The test doesn't directly compare against JPEG-2000, JPEG XR or WebP, but the
results are more convincing than any examples I've seen for any other formats,
and the Mozilla study showed HEVC's format did best on quality metrics.

I hope browser vendors take note. The patent issues are concerning, but if
that can be worked around and a new spec designed, then we might just actually
have a new image format for the web which really is better than what we've
already got.

------
tericho
I'm not qualified to comment on BPG, but this is the first I've heard of Mr.
Bellard. I enjoy reading works from minds of this caliber. He seems to be a
model citizen for the programming community. Are there others I should know
about like Fabrice?

------
GhotiFish
So can anyone talk about the patent issues? I hear there are multiple holders
of HVEC patents and they are willing to use them.
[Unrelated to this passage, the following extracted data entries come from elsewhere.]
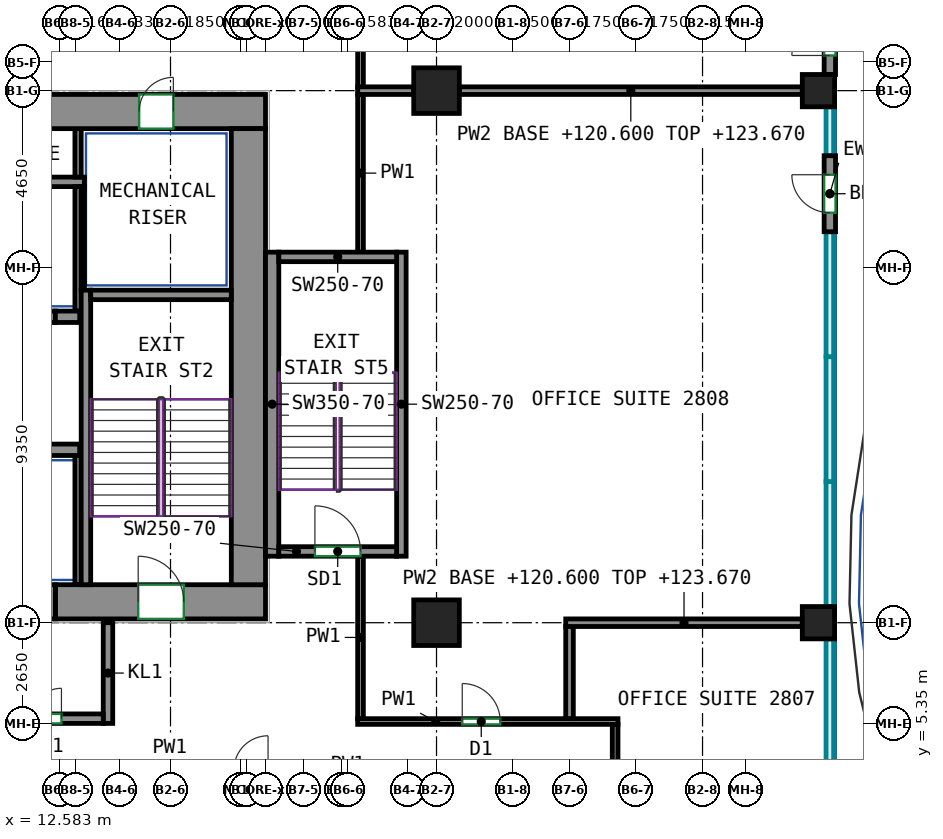
"""IFC4 building model, lengths in metres.
Left out: names, types, materials, properties, quantities, classifications, styles, units other than length and angle.
Written with IfcOpenShell. Run it as: python <this file> out.ifc"""

import sys

from ifc_helpers import new_model, si_unit, direction, frame, frame_2d, origin, origin_2d, place, context, subcontext, project, spatial, rectangle, extrude, source, transform, mapped, element, fill, save


model = new_model("IFC4")
c1 = context("Model", 3, precision=1e-05, world=origin(), true_north=direction((0.0, 1.0)))
c2 = subcontext(c1, "Body", "Model", "MODEL_VIEW")
j1 = project(units=[si_unit("LENGTHUNIT", "METRE"), si_unit("PLANEANGLEUNIT", "RADIAN")], contexts=[c1])
p1 = place(None, origin())
s1 = spatial("IfcSite", under=j1, at=p1, CompositionType="ELEMENT")
p2 = place(p1, origin())
s2 = spatial("IfcBuilding", under=s1, at=p2, CompositionType="ELEMENT")
p3 = place(p2, frame((0.0, 0.0, 120.6)))
s3 = spatial("IfcBuildingStorey", under=s2, at=p3, CompositionType="ELEMENT", Elevation=120.6)
m1 = source(origin(), c2, "Body", "SweptSolid", [
    extrude(rectangle(XDim=1.2, YDim=1.2, at=origin_2d()), origin(), (0.0, 0.0, 1.0), 3.72),
])
for number, where, z_axis, x_axis in (
    (1, (22.5, 8.0, 0.0), (0.0, 0.0, 1.0), (1.0, 0.0, 0.0)),
    (2, (22.5, 22.0, 0.0), (0.0, 0.0, 1.0), (1.0, 0.0, 0.0)),
):
    element("IfcColumn", number, at=place(p3, frame(where, z_axis=z_axis, x_axis=x_axis)), inside=s3, PredefinedType="COLUMN", context=c2, shape_type="MappedRepresentation", body=[
        mapped(m1, transform((0.0, 0.0, 0.0))),
    ])
m2 = source(origin(), c2, "Body", "SweptSolid", [
    extrude(rectangle(XDim=0.85, YDim=0.85, at=origin_2d()), origin(), (0.0, 0.0, 1.0), 3.72),
])
for number, where, z_axis, x_axis in (
    (3, (32.55, 8.0, 0.0), (0.0, 0.0, 1.0), (1.0, 0.0, 0.0)),
    (4, (32.55, 22.0, 0.0), (0.0, 0.0, 1.0), (1.0, 0.0, 0.0)),
):
    element("IfcColumn", number, at=place(p3, frame(where, z_axis=z_axis, x_axis=x_axis)), inside=s3, PredefinedType="COLUMN", context=c2, shape_type="MappedRepresentation", body=[
        mapped(m2, transform((0.0, 0.0, 0.0))),
    ])
m3 = source(origin(), c2, "Body", "SweptSolid", [
    extrude(rectangle(XDim=5.53, YDim=0.9, at=frame_2d((2.765, 0.0))), origin(), (0.0, 0.0, 1.0), 3.72),
])
p4 = place(p3, frame((12.47, 8.55, 0.0), z_axis=(0.0, 0.0, 1.0), x_axis=(1.0, 0.0, 0.0)))
e5 = element("IfcWall", 5, at=p4, inside=s3, PredefinedType="SHEAR", context=c2, shape_type="MappedRepresentation", body=[
    mapped(m3, transform((0.0, 0.0, 0.0))),
])
p5 = place(p4, frame((2.18, 0.0, 0.0)))
e6 = element("IfcOpeningElement", 6, at=p5, cuts=e5, PredefinedType="OPENING", context=c2, shape_type="SweptSolid", body=[
    extrude(rectangle(XDim=1.2, YDim=2.1, at=frame_2d((0.6, 1.05))), frame((0.0, 0.46, 0.0), z_axis=(0.0, -1.0, 0.0), x_axis=(1.0, 0.0, 0.0)), (0.0, 0.0, 1.0), 0.92),
])
m4 = source(origin(), c2, "Body", "SweptSolid", [
    extrude(rectangle(XDim=33.9, YDim=0.9, at=frame_2d((16.95, 0.0))), origin(), (0.0, 0.0, 1.0), 3.72),
])
p6 = place(p3, frame((-15.9, 21.45, 0.0), z_axis=(0.0, 0.0, 1.0), x_axis=(1.0, 0.0, 0.0)))
e7 = element("IfcWall", 7, at=p6, inside=s3, PredefinedType="SHEAR", context=c2, shape_type="MappedRepresentation", body=[
    mapped(m4, transform((0.0, 0.0, 0.0))),
])
p7 = place(p6, frame((7.12, 0.0, 0.0)))
e8 = element("IfcOpeningElement", 8, at=p7, cuts=e7, PredefinedType="OPENING", context=c2, shape_type="SweptSolid", body=[
    extrude(rectangle(XDim=0.9, YDim=2.1, at=frame_2d((0.45, 1.05))), frame((0.0, 0.46, 0.0), z_axis=(0.0, -1.0, 0.0), x_axis=(1.0, 0.0, 0.0)), (0.0, 0.0, 1.0), 0.92),
])
p8 = place(p6, frame((12.427, 0.0, 0.0)))
e9 = element("IfcOpeningElement", 9, at=p8, cuts=e7, PredefinedType="OPENING", context=c2, shape_type="SweptSolid", body=[
    extrude(rectangle(XDim=0.9, YDim=2.1, at=frame_2d((0.45, 1.05))), frame((0.0, 0.46, 0.0), z_axis=(0.0, -1.0, 0.0), x_axis=(1.0, 0.0, 0.0)), (0.0, 0.0, 1.0), 0.92),
])
p9 = place(p6, frame((17.465, 0.0, 0.0)))
e10 = element("IfcOpeningElement", 10, at=p9, cuts=e7, PredefinedType="OPENING", context=c2, shape_type="SweptSolid", body=[
    extrude(rectangle(XDim=0.9, YDim=2.1, at=frame_2d((0.45, 1.05))), frame((0.0, 0.46, 0.0), z_axis=(0.0, -1.0, 0.0), x_axis=(1.0, 0.0, 0.0)), (0.0, 0.0, 1.0), 0.92),
])
p10 = place(p6, frame((21.686, 0.0, 0.0)))
e11 = element("IfcOpeningElement", 11, at=p10, cuts=e7, PredefinedType="OPENING", context=c2, shape_type="SweptSolid", body=[
    extrude(rectangle(XDim=0.9, YDim=2.1, at=frame_2d((0.45, 1.05))), frame((0.0, 0.46, 0.0), z_axis=(0.0, -1.0, 0.0), x_axis=(1.0, 0.0, 0.0)), (0.0, 0.0, 1.0), 0.92),
])
p11 = place(p6, frame((26.027, 0.0, 0.0)))
e12 = element("IfcOpeningElement", 12, at=p11, cuts=e7, PredefinedType="OPENING", context=c2, shape_type="SweptSolid", body=[
    extrude(rectangle(XDim=0.9, YDim=2.1, at=frame_2d((0.45, 1.05))), frame((0.0, 0.46, 0.0), z_axis=(0.0, -1.0, 0.0), x_axis=(1.0, 0.0, 0.0)), (0.0, 0.0, 1.0), 0.92),
])
p12 = place(p6, frame((2.425, 0.0, 0.0)))
e13 = element("IfcOpeningElement", 13, at=p12, cuts=e7, PredefinedType="OPENING", context=c2, shape_type="SweptSolid", body=[
    extrude(rectangle(XDim=0.9, YDim=2.1, at=frame_2d((0.45, 1.05))), frame((0.0, 0.46, 0.0), z_axis=(0.0, -1.0, 0.0), x_axis=(1.0, 0.0, 0.0)), (0.0, 0.0, 1.0), 0.92),
])
p13 = place(p6, frame((30.575, 0.0, 0.0)))
e14 = element("IfcOpeningElement", 14, at=p13, cuts=e7, PredefinedType="OPENING", context=c2, shape_type="SweptSolid", body=[
    extrude(rectangle(XDim=0.9, YDim=2.1, at=frame_2d((0.45, 1.05))), frame((0.0, 0.46, 0.0), z_axis=(0.0, -1.0, 0.0), x_axis=(1.0, 0.0, 0.0)), (0.0, 0.0, 1.0), 0.92),
])
m5 = source(origin(), c2, "Body", "SweptSolid", [
    extrude(rectangle(XDim=12.0, YDim=0.9, at=frame_2d((6.0, 0.0))), origin(), (0.0, 0.0, 1.0), 3.72),
])
p14 = place(p3, frame((17.55, 9.0, 0.0), z_axis=(0.0, 0.0, 1.0), x_axis=(0.0, 1.0, 0.0)))
e15 = element("IfcWall", 15, at=p14, inside=s3, PredefinedType="SHEAR", context=c2, shape_type="MappedRepresentation", body=[
    mapped(m5, transform((0.0, 0.0, 0.0))),
])
m6 = source(origin(), c2, "Body", "SweptSolid", [
    extrude(rectangle(XDim=7.75, YDim=0.25, at=frame_2d((3.875, 0.0))), origin(), (0.0, 0.0, 1.0), 3.72),
])
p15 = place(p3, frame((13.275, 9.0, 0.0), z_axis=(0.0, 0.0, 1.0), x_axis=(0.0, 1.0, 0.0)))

So if you use this library,
wouldn't you be liable?

I'd really like to know that. Because I'd _really_ like to use this.

------
grondilu
I've tried it with a picture of mine. The encoding process was painfully slow,
but I guess that does not concern the end-user much. The file size went from
1.2M in jepg to 164K in bpg, and the decoding was fairly fast. After turning
the image back into PNG the quality seemed OK but that's tough to assess
objectively.

The coolest thing is this javascript program that can decode and display the
pictures on-the-fly.

Definitely an image format that could save storage space and bandwith, IMHO.

------
sp332
Wow, I didn't even know there were open-source HEVC encoders. I thought there
were patent issues. Now I'm off to re-encode my bluray collection!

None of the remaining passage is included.